The element14 roadtests are a great way to learn new things. Whenever I see a test that interests me, I enroll.

Success is not guaranteed. I've been selected for some, not for others. In this series I'll explain how I decide to enroll or not.

I'll also show how I build my case, including some examples from my applications.

 

This is the technical part of my application for the TI-PMLK Buck Experiment Board: TPS54160 & LM3475

All technical content is here.

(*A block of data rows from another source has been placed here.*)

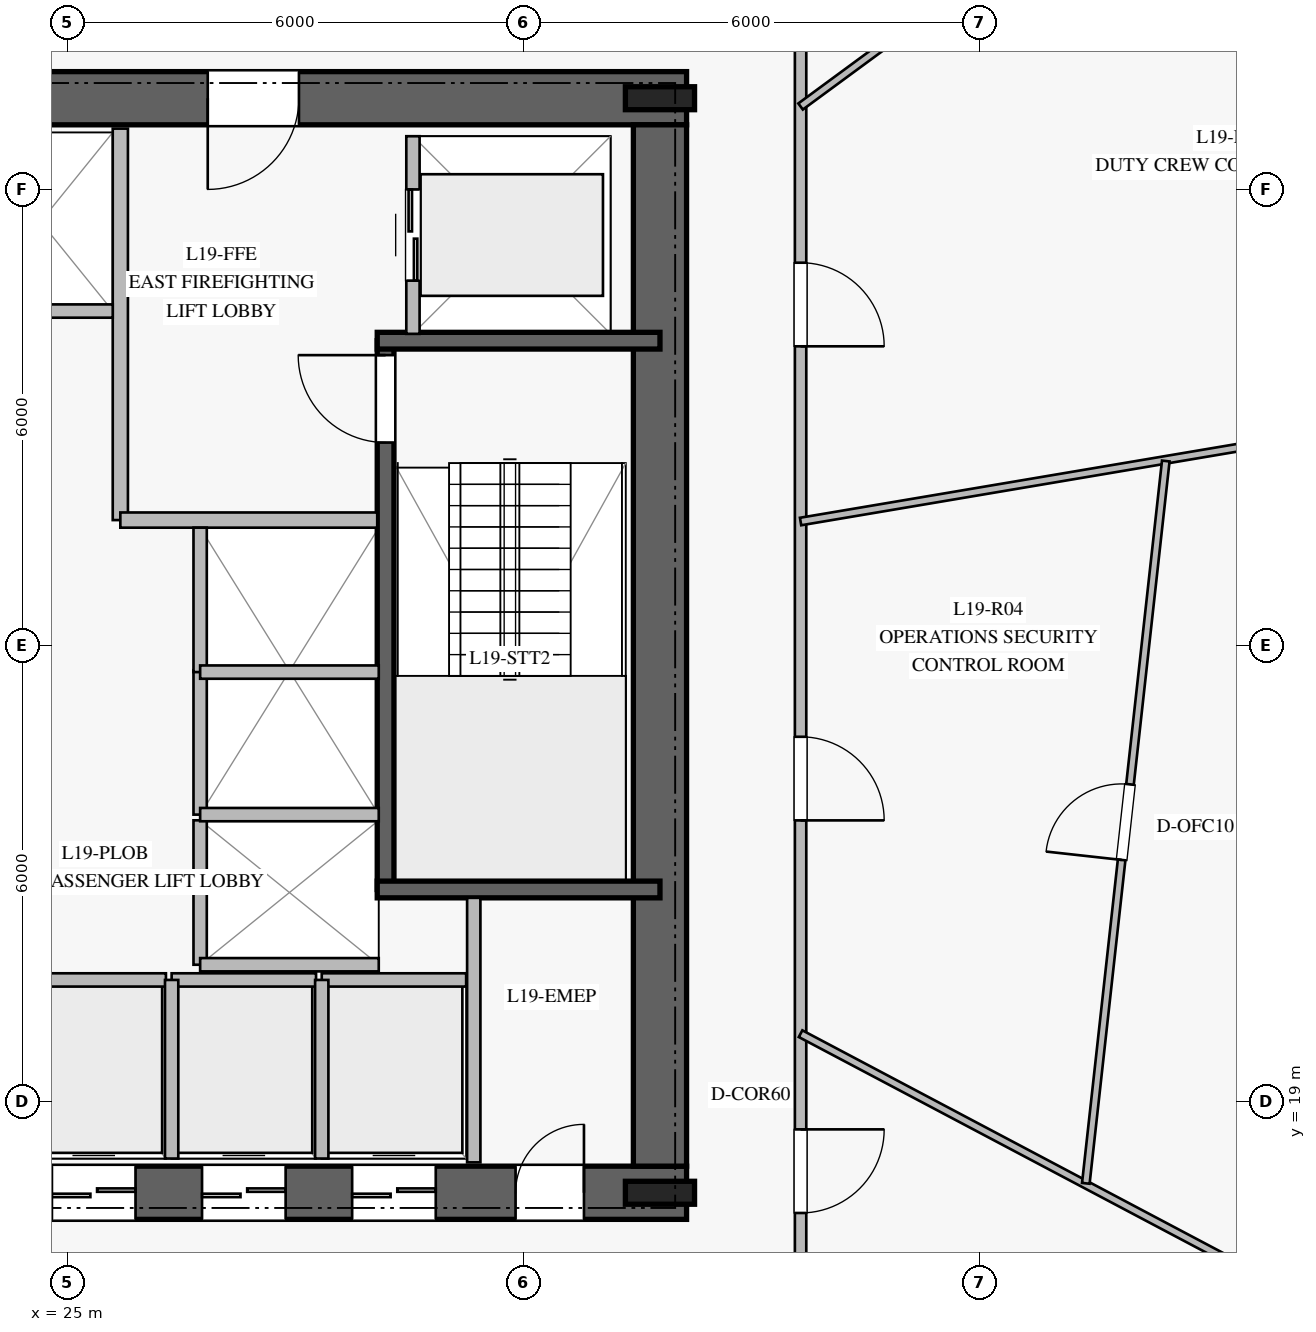
"""IFC4 building model, lengths in metres.
Left out: names, types, materials, properties, quantities, classifications, styles, units other than length and angle.
Written with IfcOpenShell. Run it as: python <this file> out.ifc"""

import sys

from ifc_helpers import new_model, si_unit, direction, frame, frame_2d, origin, origin_2d, place, context, subcontext, project, spatial, rectangle, i_section, extrude, element, fill, save


model = new_model("IFC4")
c1 = context("Model", 3, precision=1e-05, world=origin(), true_north=direction((0.0, 1.0)))
c2 = subcontext(c1, "Body", "Model", "MODEL_VIEW")
j1 = project(units=[si_unit("LENGTHUNIT", "METRE"), si_unit("PLANEANGLEUNIT", "RADIAN")], contexts=[c1])
p1 = place(None, origin())
s1 = spatial("IfcSite", under=j1, at=p1, CompositionType="ELEMENT")
p2 = place(p1, origin())
s2 = spatial("IfcBuilding", under=s1, at=p2, CompositionType="ELEMENT")
p3 = place(p2, frame((0.0, 0.0, 80.0)))
s3 = spatial("IfcBuildingStorey", under=s2, at=p3, CompositionType="ELEMENT", Elevation=80.0)
p4 = place(p3, frame((16.85, 17.8, 0.0), z_axis=(0.0, 0.0, 1.0), x_axis=(1.0, 0.0, 0.0)))
e1 = element("IfcWall", 1, at=p4, inside=s3, PredefinedType="SHEAR", context=c2, shape_type="SweptSolid", body=[
    extrude(rectangle(XDim=16.3, YDim=0.7, at=frame_2d((8.15, 0.0))), origin(), (0.0, 0.0, 1.0), 3.76),
])
p5 = place(p4, frame((5.1, 0.0, 0.0)))
e2 = element("IfcOpeningElement", 2, at=p5, cuts=e1, PredefinedType="OPENING", context=c2, shape_type="SweptSolid", body=[
    extrude(rectangle(XDim=1.2, YDim=2.25, at=frame_2d((0.6, 1.125))), frame((0.0, 0.36, 0.0), z_axis=(0.0, -1.0, 0.0), x_axis=(1.0, 0.0, 0.0)), (0.0, 0.0, 1.0), 0.72),
])
p6 = place(p4, frame((14.05, 0.0, 0.0)))
e3 = element("IfcOpeningElement", 3, at=p6, cuts=e1, PredefinedType="OPENING", context=c2, shape_type="SweptSolid", body=[
    extrude(rectangle(XDim=0.9, YDim=2.1, at=frame_2d((0.45, 1.05))), frame((0.0, 0.36, 0.0), z_axis=(0.0, -1.0, 0.0), x_axis=(1.0, 0.0, 0.0)), (0.0, 0.0, 1.0), 0.72),
])
p7 = place(p4, frame((7.95, 0.0, 0.0)))
e4 = element("IfcOpeningElement", 4, at=p7, cuts=e1, PredefinedType="OPENING", context=c2, shape_type="SweptSolid", body=[
    extrude(rectangle(XDim=1.1, YDim=2.2, at=frame_2d((0.55, 1.1))), frame((0.0, 0.36, 0.0), z_axis=(0.0, -1.0, 0.0), x_axis=(1.0, 0.0, 0.0)), (0.0, 0.0, 1.0), 0.72),
])
p8 = place(p4, frame((9.925, 0.0, 0.0)))
e5 = element("IfcOpeningElement", 5, at=p8, cuts=e1, PredefinedType="OPENING", context=c2, shape_type="SweptSolid", body=[
    extrude(rectangle(XDim=1.1, YDim=2.2, at=frame_2d((0.55, 1.1))), frame((0.0, 0.36, 0.0), z_axis=(0.0, -1.0, 0.0), x_axis=(1.0, 0.0, 0.0)), (0.0, 0.0, 1.0), 0.72),
])
p9 = place(p4, frame((11.9, 0.0, 0.0)))
e6 = element("IfcOpeningElement", 6, at=p9, cuts=e1, PredefinedType="OPENING", context=c2, shape_type="SweptSolid", body=[
    extrude(rectangle(XDim=1.1, YDim=2.2, at=frame_2d((0.55, 1.1))), frame((0.0, 0.36, 0.0), z_axis=(0.0, -1.0, 0.0), x_axis=(1.0, 0.0, 0.0)), (0.0, 0.0, 1.0), 0.72),
])
p10 = place(p3, frame((33.15, 32.2, 0.0), z_axis=(0.0, 0.0, 1.0), x_axis=(-1.0, 0.0, 0.0)))
e7 = element("IfcWall", 7, at=p10, inside=s3, PredefinedType="SHEAR", context=c2, shape_type="SweptSolid", body=[
    extrude(rectangle(XDim=16.3, YDim=0.7, at=frame_2d((8.15, 0.0))), origin(), (0.0, 0.0, 1.0), 3.76),
])
p11 = place(p10, frame((5.1, 0.0, 0.0)))
e8 = element("IfcOpeningElement", 8, at=p11, cuts=e7, PredefinedType="OPENING", context=c2, shape_type="SweptSolid", body=[
    extrude(rectangle(XDim=1.2, YDim=2.25, at=frame_2d((0.6, 1.125))), frame((0.0, 0.36, 0.0), z_axis=(0.0, -1.0, 0.0), x_axis=(1.0, 0.0, 0.0)), (0.0, 0.0, 1.0), 0.72),
])
p12 = place(p3, frame((32.8, 18.15, 0.0), z_axis=(0.0, 0.0, 1.0), x_axis=(0.0, 1.0, 0.0)))
e9 = element("IfcWall", 9, at=p12, inside=s3, PredefinedType="SHEAR", context=c2, shape_type="SweptSolid", body=[
    extrude(rectangle(XDim=13.7, YDim=0.7, at=frame_2d((6.85, 0.0))), origin(), (0.0, 0.0, 1.0), 3.76),
])
for number, where, z_axis, x_axis in (
    (10, (32.8, 17.8, 0.0), (0.0, 0.0, 1.0), (1.0, 0.0, 0.0)),
    (11, (32.8, 32.2, 0.0), (0.0, 0.0, 1.0), (1.0, 0.0, 0.0)),
):
    element("IfcColumn", number, at=place(p3, frame(where, z_axis=z_axis, x_axis=x_axis)), inside=s3, PredefinedType="COLUMN", context=c2, shape_type="SweptSolid", body=[
        extrude(i_section(OverallWidth=0.302, OverallDepth=0.91, WebThickness=0.021, FlangeThickness=0.04, at=origin_2d()), origin(), (0.0, 0.0, 1.0), 4.0),
    ])
p13 = place(p3, frame((29.19, 21.79, 0.0), z_axis=(0.0, 0.0, 1.0), x_axis=(0.0, 1.0, 0.0)))
e12 = element("IfcWall", 12, at=p13, inside=s3, PredefinedType="SOLIDWALL", context=c2, shape_type="SweptSolid", body=[
    extrude(rectangle(XDim=7.22, YDim=0.22, at=frame_2d((3.61, 0.0))), origin(), (0.0, 0.0, 1.0), 3.76),
])
p14 = place(p13, frame((5.88, 0.0, 0.0)))
e13 = element("IfcOpeningElement", 13, at=p14, cuts=e12, PredefinedType="OPENING", context=c2, shape_type="SweptSolid", body=[
    extrude(rectangle(XDim=1.15, YDim=2.2, at=frame_2d((0.575, 1.1))), frame((0.0, 0.12, 0.0), z_axis=(0.0, -1.0, 0.0), x_axis=(1.0, 0.0, 0.0)), (0.0, 0.0, 1.0), 0.24),
])
for number, where, z_axis, x_axis in (
    (14, (29.08, 21.79, 0.0), (0.0, 0.0, 1.0), (1.0, 0.0, 0.0)),
    (15, (29.08, 29.01, 0.0), (0.0, 0.0, 1.0), (1.0, 0.0, 0.0)),
):
    element("IfcWall", number, at=place(p3, frame(where, z_axis=z_axis, x_axis=x_axis)), inside=s3, PredefinedType="SOLIDWALL", context=c2, shape_type="SweptSolid", body=[
        extrude(rectangle(XDim=3.72, YDim=0.22, at=frame_2d((1.86, 0.0))), origin(), (0.0, 0.0, 1.0), 3.76),
    ])
p15 = place(p3, frame((25.7, 26.65, 0.0), z_axis=(0.0, 0.0, 1.0), x_axis=(0.0, 1.0, 0.0)))
e16 = element("IfcWall", 16, at=p15, inside=s3, PredefinedType="PARTITIONING", context=c2, shape_type="SweptSolid", body=[
    extrude(rectangle(XDim=5.15, YDim=0.2, at=frame_2d((2.575, 0.0))), origin(), (0.0, 0.0, 1.0), 3.76),
])
p16 = place(p3, frame((25.7, 26.65, 0.0), z_axis=(0.0, 0.0, 1.0), x_axis=(1.0, 0.0, 0.0)))
e17 = element("IfcWall", 17, at=p16, inside=s3, PredefinedType="PARTITIONING", context=c2, shape_type="SweptSolid", body=[
    extrude(rectangle(XDim=3.38, YDim=0.2, at=frame_2d((1.69, 0.0))), origin(), (0.0, 0.0, 1.0), 3.76),
])
p17 = place(p3, frame((30.35, 18.2, 0.0), z_axis=(0.0, 0.0, 1.0), x_axis=(0.0, 1.0, 0.0)))
e18 = element("IfcWall", 18, at=p17, inside=s3, PredefinedType="PARTITIONING", context=c2, shape_type="SweptSolid", body=[
    extrude(rectangle(XDim=3.48, YDim=0.175, at=frame_2d((1.74, 0.0))), origin(), (0.0, 0.0, 1.0), 3.76),
])
p18 = place(p3, frame((24.4, 20.6, 0.0), z_axis=(0.0, 0.0, 1.0), x_axis=(1.0, 0.0, 0.0)))
e19 = element("IfcWall", 19, at=p18, inside=s3, PredefinedType="PARTITIONING", context=c2, shape_type="SweptSolid", body=[
    extrude(rectangle(XDim=1.9, YDim=0.175, at=frame_2d((0.95, 0.0))), origin(), (0.0, 0.0, 1.0), 3.76),
])
p19 = place(p3, frame((26.375, 20.6, 0.0), z_axis=(0.0, 0.0, 1.0), x_axis=(1.0, 0.0, 0.0)))
e20 = element("IfcWall", 20, at=p19, inside=s3, PredefinedType="PARTITIONING", context=c2, shape_type="SweptSolid", body=[
    extrude(rectangle(XDim=1.9, YDim=0.175, at=frame_2d((0.95, 0.0))), origin(), (0.0, 0.0, 1.0), 3.76),
])
p20 = place(p3, frame((26.375, 18.25, 0.0), z_axis=(0.0, 0.0, 1.0), x_axis=(0.0, 1.0, 0.0)))
e21 = element("IfcWall", 21, at=p20, inside=s3, PredefinedType="PARTITIONING", context=c2, shape_type="SweptSolid", body=[
    extrude(rectangle(XDim=2.35, YDim=0.175, at=frame_2d((1.175, 0.0))), origin(), (0.0, 0.0, 1.0), 3.76),
])
p21 = place(p3, frame((28.35, 20.6, 0.0), z_axis=(0.0, 0.0, 1.0), x_axis=(1.0, 0.0, 0.0)))
e22 = element("IfcWall", 22, at=p21, inside=s3, PredefinedType="PARTITIONING", context=c2, shape_type="SweptSolid", body=[
    extrude(rectangle(XDim=1.9, YDim=0.175, at=frame_2d((0.95, 0.0))), origin(), (0.0, 0.0, 1.0), 3.76),
])
p22 = place(p3, frame((28.35, 18.25, 0.0), z_axis=(0.0, 0.0, 1.0), x_axis=(0.0, 1.0, 0.0)))
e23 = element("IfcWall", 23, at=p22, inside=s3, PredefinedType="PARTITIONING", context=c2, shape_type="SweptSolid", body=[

I haven't removed the part where I'm doing blatant self promotion, because I know no shame.

I was selected for this one.

 

Application: TI-PMLK Buck Experiment Board: TPS54160 & LM3475

 

This Road Test is a very nice fit with the blog series I have here on element14 related to switched mode DC conversion.

I am verifying different converter topologies and technologies and document my findings here on the community.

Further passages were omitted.